Spotify’s global charts. Apple Music. Same name at the top of both. That’s not a viral moment that’s twenty years of work compounding quietly until one day the data just says it out loud.
What makes it more impressive is the spread. It’s not one region carrying her. Europe, North America, Africa, Asia the streams are coming from everywhere. That’s not a fanbase. That’s a global audience that built itself.
Most artists peak once. Nicki has peaked in three different eras and somehow the back catalogue still keeps up. Super Bass still hits playlists. Anaconda still goes viral on short-form video. Monster still wins arguments about the best rap verse of the 2010s.
That kind of staying power doesn’t happen by accident. It happens when the music is actually good enough to survive the trend cycle. New listeners don’t start at her latest drop they start wherever the algorithm sends them and end up going backwards through the discography. That reverse discovery loop is exactly why her stream count doesn’t dip between projects.

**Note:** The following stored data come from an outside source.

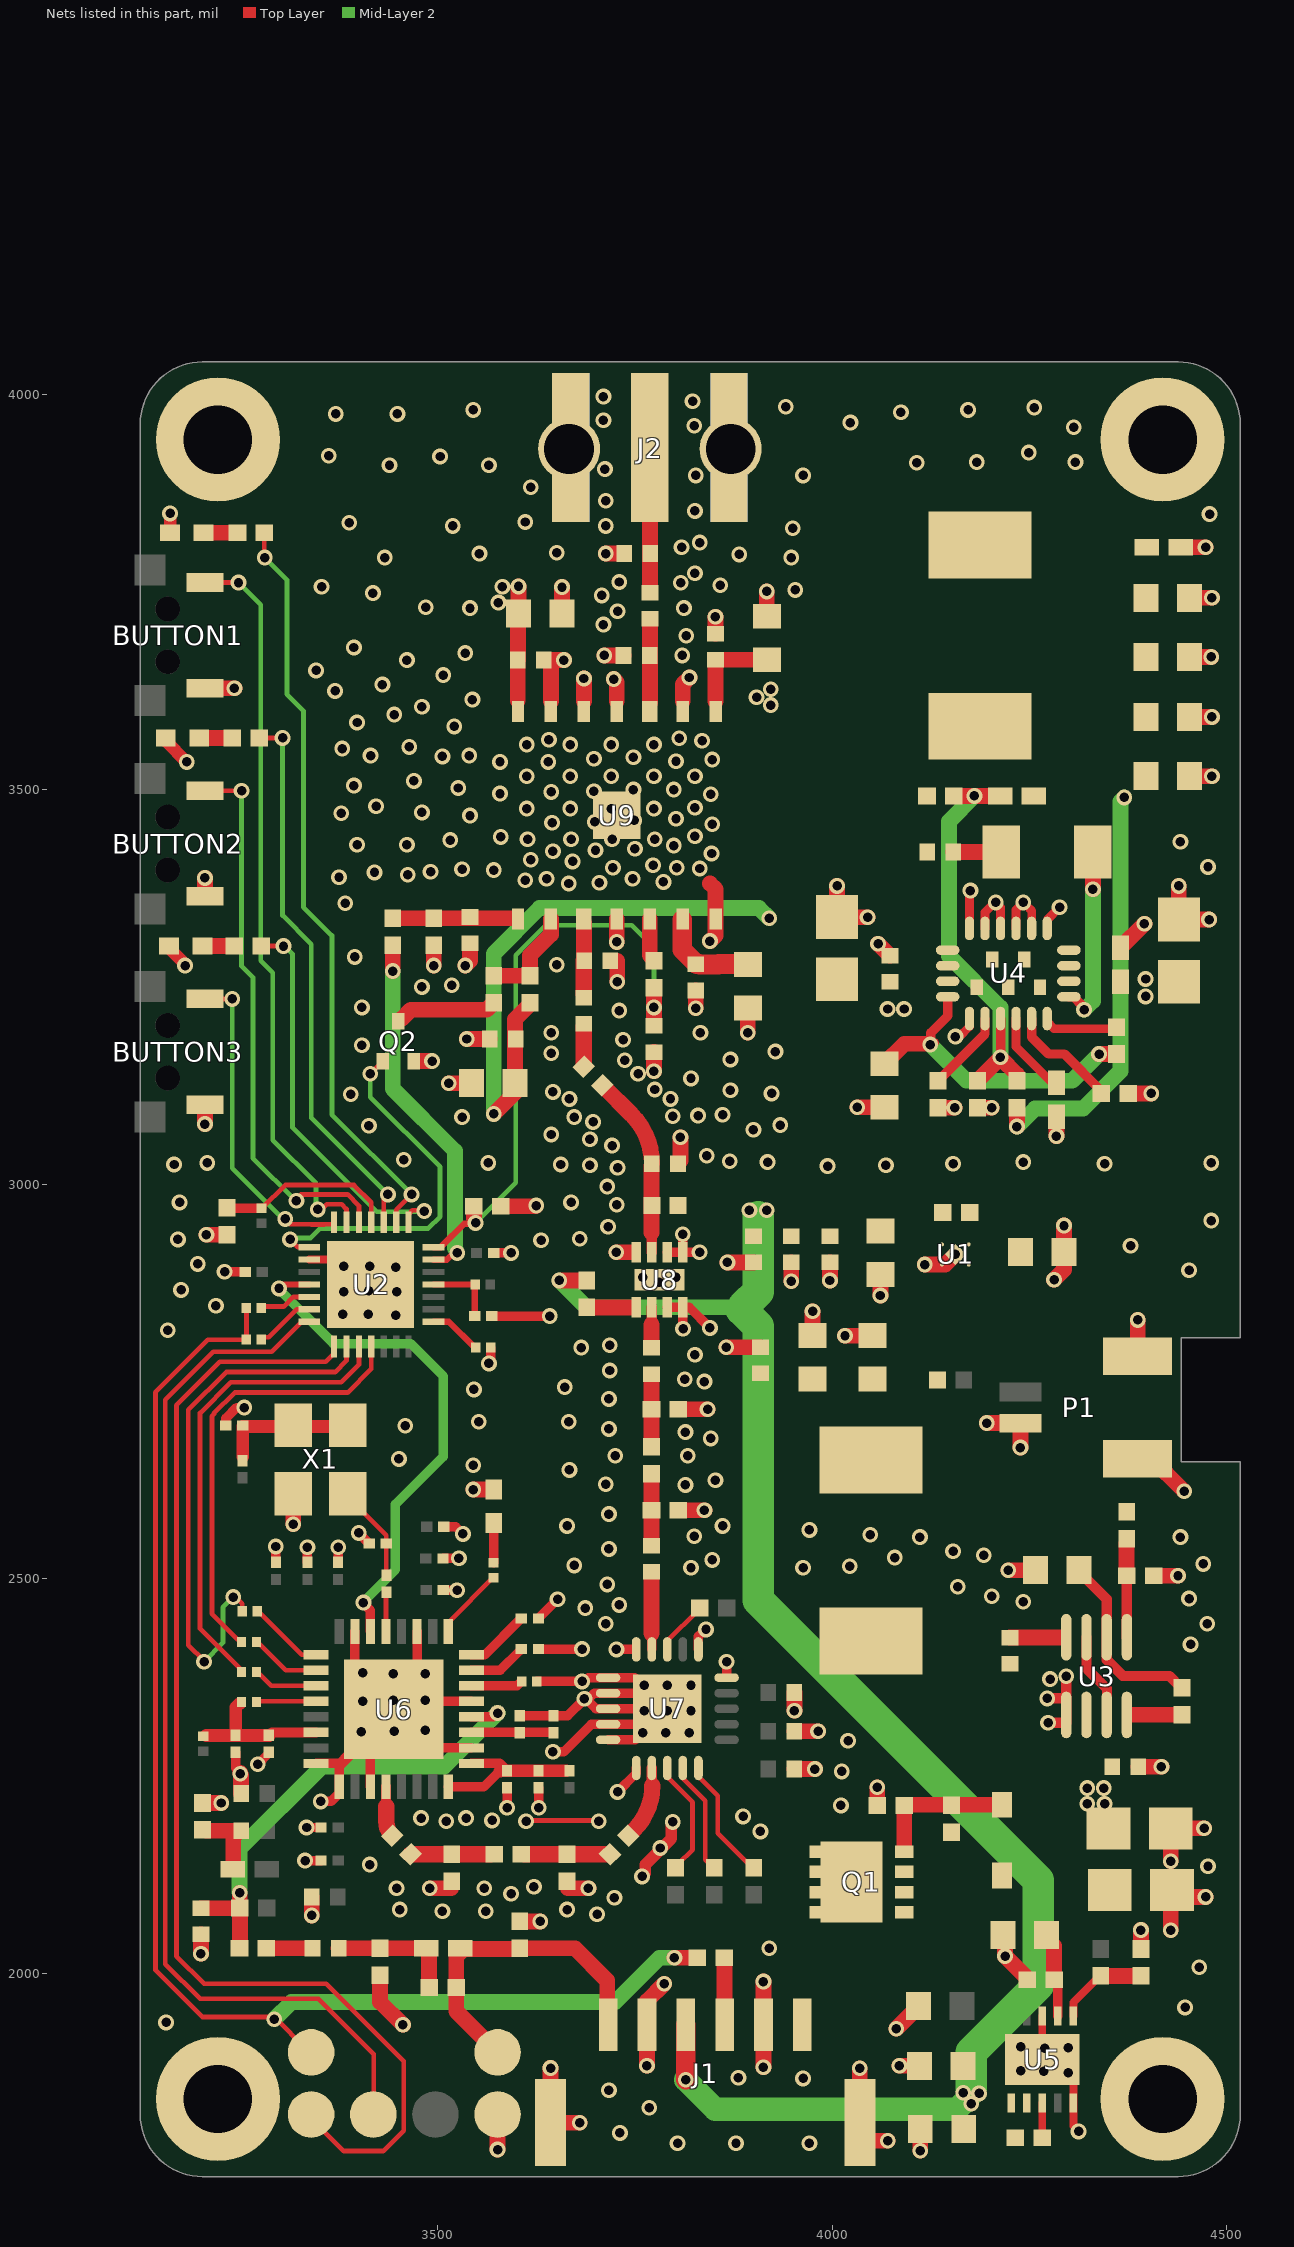
[diagram p0: the nets of this part, all layers, seen from the top]
# Altium PCB MISC79034.PcbDoc (part 2 of 2)
Units mil, origin at the board's own origin, x right, y up, seen from the top; angles counter-clockwise.
Board outline 1393.7 x 2299.21 mil, 4 copper layers (Top Layer, Mid-Layer 1, Mid-Layer 2, Bottom Layer); 179 components, 97 nets, 521 pads, 554 vias.

## Via types
v1: diameter 20, hole 12, Top Layer to Bottom Layer, tented both sides, 554 vias

## Nets (pads, with @x,y where several pads share a name; then routed paths per layer and width w, separated by ;. In a path a pad name is that pad's centre, name@x,y a point inside that pad or via, vN(x,y) a via of type N, cw(c..) or ccw(c..) an arc to the next point about the centre after c; other vN are vias at no path point) (continued)
GND: BUTTON1.1 BUTTON2.1 BUTTON3.1 C1.2 C2.2 C3.2 C4.2 C5.1 C7.1 C8.2 C9.2 C10.2 C11.2 C12.2 C13.2 C14.2 C15.2 C16.2 C17.2 C18.2 C19.1 C20.2 C21.2 C22.1 C23.1 C24.1 C25.1 C26.2 C28.1 C29.2 C30.2 C31.1 C32.1 C33.1 C34.1 C35.2 C36.2 C37.1 C38.2 C39.1 C47.2 C50.2 C51.1 C52.2 C53.1 C54.2 C55.2 C56.1 C57.1 C58.1 C59.1 C60.1 C61.1 C62.1 C63.1 C64.2 C65.2 C67.2 C68.1 C70.1 C71.1 C72.1 C73.2 C74.2 C75.2 C76.2 C78.2 C80.1 C82.2 C83.2 C84.2 J1.2 J1.5 J1.7 J1.8 J2.2 LED1.2 LED2.2 LED3.2 LED4.2 P1.1 P1.3 P1.4 P2.1 Q2.2 R3.1 R6.1 R13.2 R14.2 R15.2 R21.2 R25.1 R29.2 R31.2 R32.2 R33.2 R45.2 R51.2 R52.2 R53.2 R56.2 R57.1 SCREW1.1 SCREW2.1 SCREW3.1 SCREW4.1 SR1.2 U1.2 U1.5 U2.16 U2.29 U3.5 U4.1 U4.11 U4.12 U4.13 U4.14 U4.15 U4.16 U5.5 U5.8 U5.11 U6.8 U6.9 U6.11 U6.18 U6.21 U6.27 U6.31 U6.33 U7.1 U7.10 U7.11 U7.15 U7.16 U7.17 U7.18 U7.19 U7.20 U7.21 U8.3 U8.4 U8.5 U8.6 U8.8 U8.9 U9.4 U9.7 U9.9 U9.11 U9.12 U9.13 U9.15 X1.2 | length 5669
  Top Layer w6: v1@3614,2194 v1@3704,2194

Female rappers spent years squeezing into a genre that wasn’t exactly rolling out the welcome mat. Nicki didn’t just squeeze in she rewrote the room. The artists who came after her, Cardi, Ice Spice, GloRilla, they’re rapping on a foundation she poured. Before Nicki, a female rapper getting a solo number one was news. Now it’s expected. That shift didn’t happen on its own.
That’s the chart that matters most, and it doesn’t show up on Spotify.
Chart positions come and go. A number one single lasts a week, maybe two. But topping global streaming averages across an entire platform tells a different story it means people keep coming back.
Not just her core fans either. Casual listeners, playlist surfers, people who don’t even know they’re Nicki fans yet — they’re all pushing those numbers up without thinking twice about it. That’s the difference between being popular and being embedded in the culture. One fades. The other compounds.